Claim:
Let $\sigma \in S_n$, be a permutation, and $X = \{1, 2, ..., n\}$. The cycle decomposition of $\sigma$ can be recovered by considering the orbits of the action of $\langle\sigma\rangle$ on $X$.
Let $\langle \sigma \rangle := G$. By the Orbit-Stabilizer Theorem, the action of $G$ partitions $X$ into unique orbits $O(X)$, and there exists a bijection $f : g \cdot \mathrm{Stab}(X) \mapsto g \cdot X$.
$G = \{e, \sigma, \sigma^2, ..., \sigma^{k-1}\}$ for $G$ of order $k$.
$\mathrm{Stab(X)} = \{\sigma^i \in G : \sigma^i(X) = X\} = O(X)$
Thus the bijection maps $\sigma^i(X) \mapsto \sigma^i(O(X))$ $G$ is cyclic, therefore $G/O(G)$ is cyclic and by Lagrange's theorem we get that $|O(X)| = |G : O(X)| = k$
Thus the cosets of $O(X)$ in $G$ correspond to the permutation $\{O(X), \sigma(O(X)), ..., \sigma^{k-1}(O(X))\}$ where, by the bijection, each of these terms corresponds to $\{X, \sigma(X), ..., \sigma^{k-1}(X)\}$ respectively. Therefore, an orbit $|O(X)| = k$ corresponds to some $k$-cycle, and we get a cycle decomposition.
Your claim is obviously true: the cycle decomposition of$~\sigma$ is the collection of orbits of$~\sigma$ on$ ~X$. Or more precisely, that is the combinatorial cycle decomposition, which allows for cycles of length$~1$; a separate one for each fixed point. For the group theoretic cycle decomposition, there is a cyclic permutation for each combinatorial cycle of length${}>1$, obtained from$~\sigma$ by acting as$~\sigma$ on that cycle and as the identity on its complement (and $\sigma$ is then the product of those commuting cyclic permutations).

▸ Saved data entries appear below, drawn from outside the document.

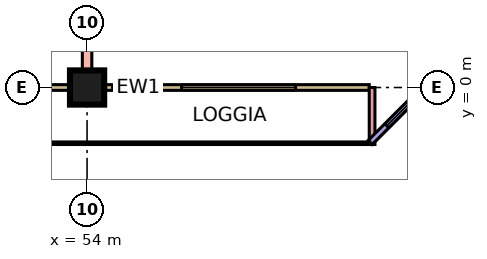
"""IFC4 building model, lengths in metres.
Left out: names, types, materials, properties, quantities, classifications, styles, units other than length and angle.
Written with IfcOpenShell. Run it as: python <this file> out.ifc"""

import sys

from ifc_helpers import new_model, si_unit, direction, frame, frame_2d, origin, origin_2d, place, context, subcontext, project, spatial, rectangle, extrude, element, fill, save


model = new_model("IFC4")
c1 = context("Model", 3, precision=1e-05, world=origin(), true_north=direction((0.0, 1.0)))
c2 = subcontext(c1, "Body", "Model", "MODEL_VIEW")
j1 = project(units=[si_unit("LENGTHUNIT", "METRE"), si_unit("PLANEANGLEUNIT", "RADIAN")], contexts=[c1])
p1 = place(None, origin())
s1 = spatial("IfcSite", under=j1, at=p1, CompositionType="ELEMENT")
p2 = place(p1, origin())
s2 = spatial("IfcBuilding", under=s1, at=p2, CompositionType="ELEMENT")
p3 = place(p2, frame((0.0, 0.0, 206.15)))
s3 = spatial("IfcBuildingStorey", under=s2, at=p3, CompositionType="ELEMENT", Elevation=206.15)
p4 = place(p3, frame((54.0, 0.0, 0.0), z_axis=(0.0, 0.0, 1.0), x_axis=(1.0, 0.0, 0.0)))
e1 = element("IfcColumn", 1, at=p4, inside=s3, PredefinedType="COLUMN", context=c2, shape_type="SweptSolid", body=[
    extrude(rectangle(XDim=0.9, YDim=0.9, at=origin_2d()), origin(), (0.0, 0.0, 1.0), 5.5),
])
p5 = place(p3, frame((48.075, 0.0, 0.0), z_axis=(0.0, 0.0, 1.0), x_axis=(1.0, 0.0, 0.0)))
e2 = element("IfcWall", 2, at=p5, inside=s3, PredefinedType="SOLIDWALL", context=c2, shape_type="SweptSolid", body=[
    extrude(rectangle(XDim=13.35, YDim=0.15, at=frame_2d((6.675, 0.0))), origin(), (0.0, 0.0, 1.0), 5.1),
])
p6 = place(p5, frame((1.188, 0.0, 0.45)))
e3 = element("IfcOpeningElement", 3, at=p6, cuts=e2, PredefinedType="OPENING", context=c2, shape_type="SweptSolid", body=[
    extrude(rectangle(XDim=3.0, YDim=3.6, at=frame_2d((1.5, 1.8))), frame((0.0, 0.085, 0.0), z_axis=(0.0, -1.0, 0.0), x_axis=(1.0, 0.0, 0.0)), (0.0, 0.0, 1.0), 0.17),
])
p7 = place(p5, frame((8.413, 0.0, 0.45)))
e4 = element("IfcOpeningElement", 4, at=p7, cuts=e2, PredefinedType="OPENING", context=c2, shape_type="SweptSolid", body=[
    extrude(rectangle(XDim=3.0, YDim=3.6, at=frame_2d((1.5, 1.8))), frame((0.0, 0.085, 0.0), z_axis=(0.0, -1.0, 0.0), x_axis=(1.0, 0.0, 0.0)), (0.0, 0.0, 1.0), 0.17),
])
p8 = place(p3, frame((61.5, -1.5, 0.0), z_axis=(0.0, 0.0, 1.0), x_axis=(0.0, 1.0, 0.0)))
e5 = element("IfcWall", 5, at=p8, inside=s3, PredefinedType="SOLIDWALL", context=c2, shape_type="SweptSolid", body=[
    extrude(rectangle(XDim=1.5, YDim=0.15, at=frame_2d((0.75, 0.0))), origin(), (0.0, 0.0, 1.0), 5.1),
])
p9 = place(p3, frame((61.447, -1.447, 0.0), z_axis=(0.0, 0.0, 1.0), x_axis=(0.707106781187, 0.707106781187, 0.0)))
e6 = element("IfcWall", 6, at=p9, inside=s3, PredefinedType="SOLIDWALL", context=c2, shape_type="SweptSolid", body=[
    extrude(rectangle(XDim=4.243, YDim=0.15, at=frame_2d((2.121, 0.0))), origin(), (0.0, 0.0, 1.0), 5.1),
])
p10 = place(p9, frame((0.621, 0.0, 0.45)))
e7 = element("IfcOpeningElement", 7, at=p10, cuts=e6, PredefinedType="OPENING", context=c2, shape_type="SweptSolid", body=[
    extrude(rectangle(XDim=3.0, YDim=3.6, at=frame_2d((1.5, 1.8))), frame((0.0, 0.085, 0.0), z_axis=(0.0, -1.0, 0.0), x_axis=(1.0, 0.0, 0.0)), (0.0, 0.0, 1.0), 0.17),
])
p11 = place(p3, frame((54.0, 0.074, 0.0), z_axis=(0.0, 0.0, 1.0), x_axis=(0.0, 1.0, 0.0)))
e8 = element("IfcWall", 8, at=p11, inside=s3, PredefinedType="PARTITIONING", context=c2, shape_type="SweptSolid", body=[
    extrude(rectangle(XDim=11.527, YDim=0.25, at=frame_2d((5.764, 0.0))), origin(), (0.0, 0.0, 1.0), 5.1),
])
p12 = place(p7, origin())
e9 = element("IfcWindow", 9, at=p12, inside=s3, PartitioningType="SINGLE_PANEL", PredefinedType="WINDOW", context=c2, shape_type="SweptSolid", body=[
    extrude(rectangle(XDim=3.0, YDim=3.6, at=frame_2d((1.5, 1.8))), frame((0.0, 0.03, 0.0), z_axis=(0.0, -1.0, 0.0), x_axis=(1.0, 0.0, 0.0)), (0.0, 0.0, 1.0), 0.06),
])
fill(e4, e9)
p13 = place(p10, origin())
e10 = element("IfcWindow", 10, at=p13, inside=s3, PartitioningType="SINGLE_PANEL", PredefinedType="WINDOW", context=c2, shape_type="SweptSolid", body=[
    extrude(rectangle(XDim=3.0, YDim=3.6, at=frame_2d((1.5, 1.8))), frame((0.0, 0.03, 0.0), z_axis=(0.0, -1.0, 0.0), x_axis=(1.0, 0.0, 0.0)), (0.0, 0.0, 1.0), 0.06),
])
fill(e7, e10)
save(model, sys.argv[1])

However your proposed "proof" is completely confused. The orbit-stabiliser theorem needs a base point $x_0\in X$, which you do not choose. The stabiliser then is $\operatorname{Stab}_G(x_0)=\{\,g\in G\mid g\cdot x_0=x_0\}\,$; your $\operatorname{Stab}(X)$ is meaningless (since every $g\in G$ globally maps $X$ to itself, the only meaning one could ascribe to that notation would be all of $G$, but that makes the notation pointless). When you say "bijection" you forget to mention the sets between which the bijection runs; for the orbit-stabiliser theorem it would be between $G/\operatorname{Stab}_G(x_0)$ and the orbit $G\cdot x_0$, but that does not correspond to what you write. So you are off to a very bad start, and there is no sense to be made of the remainder either.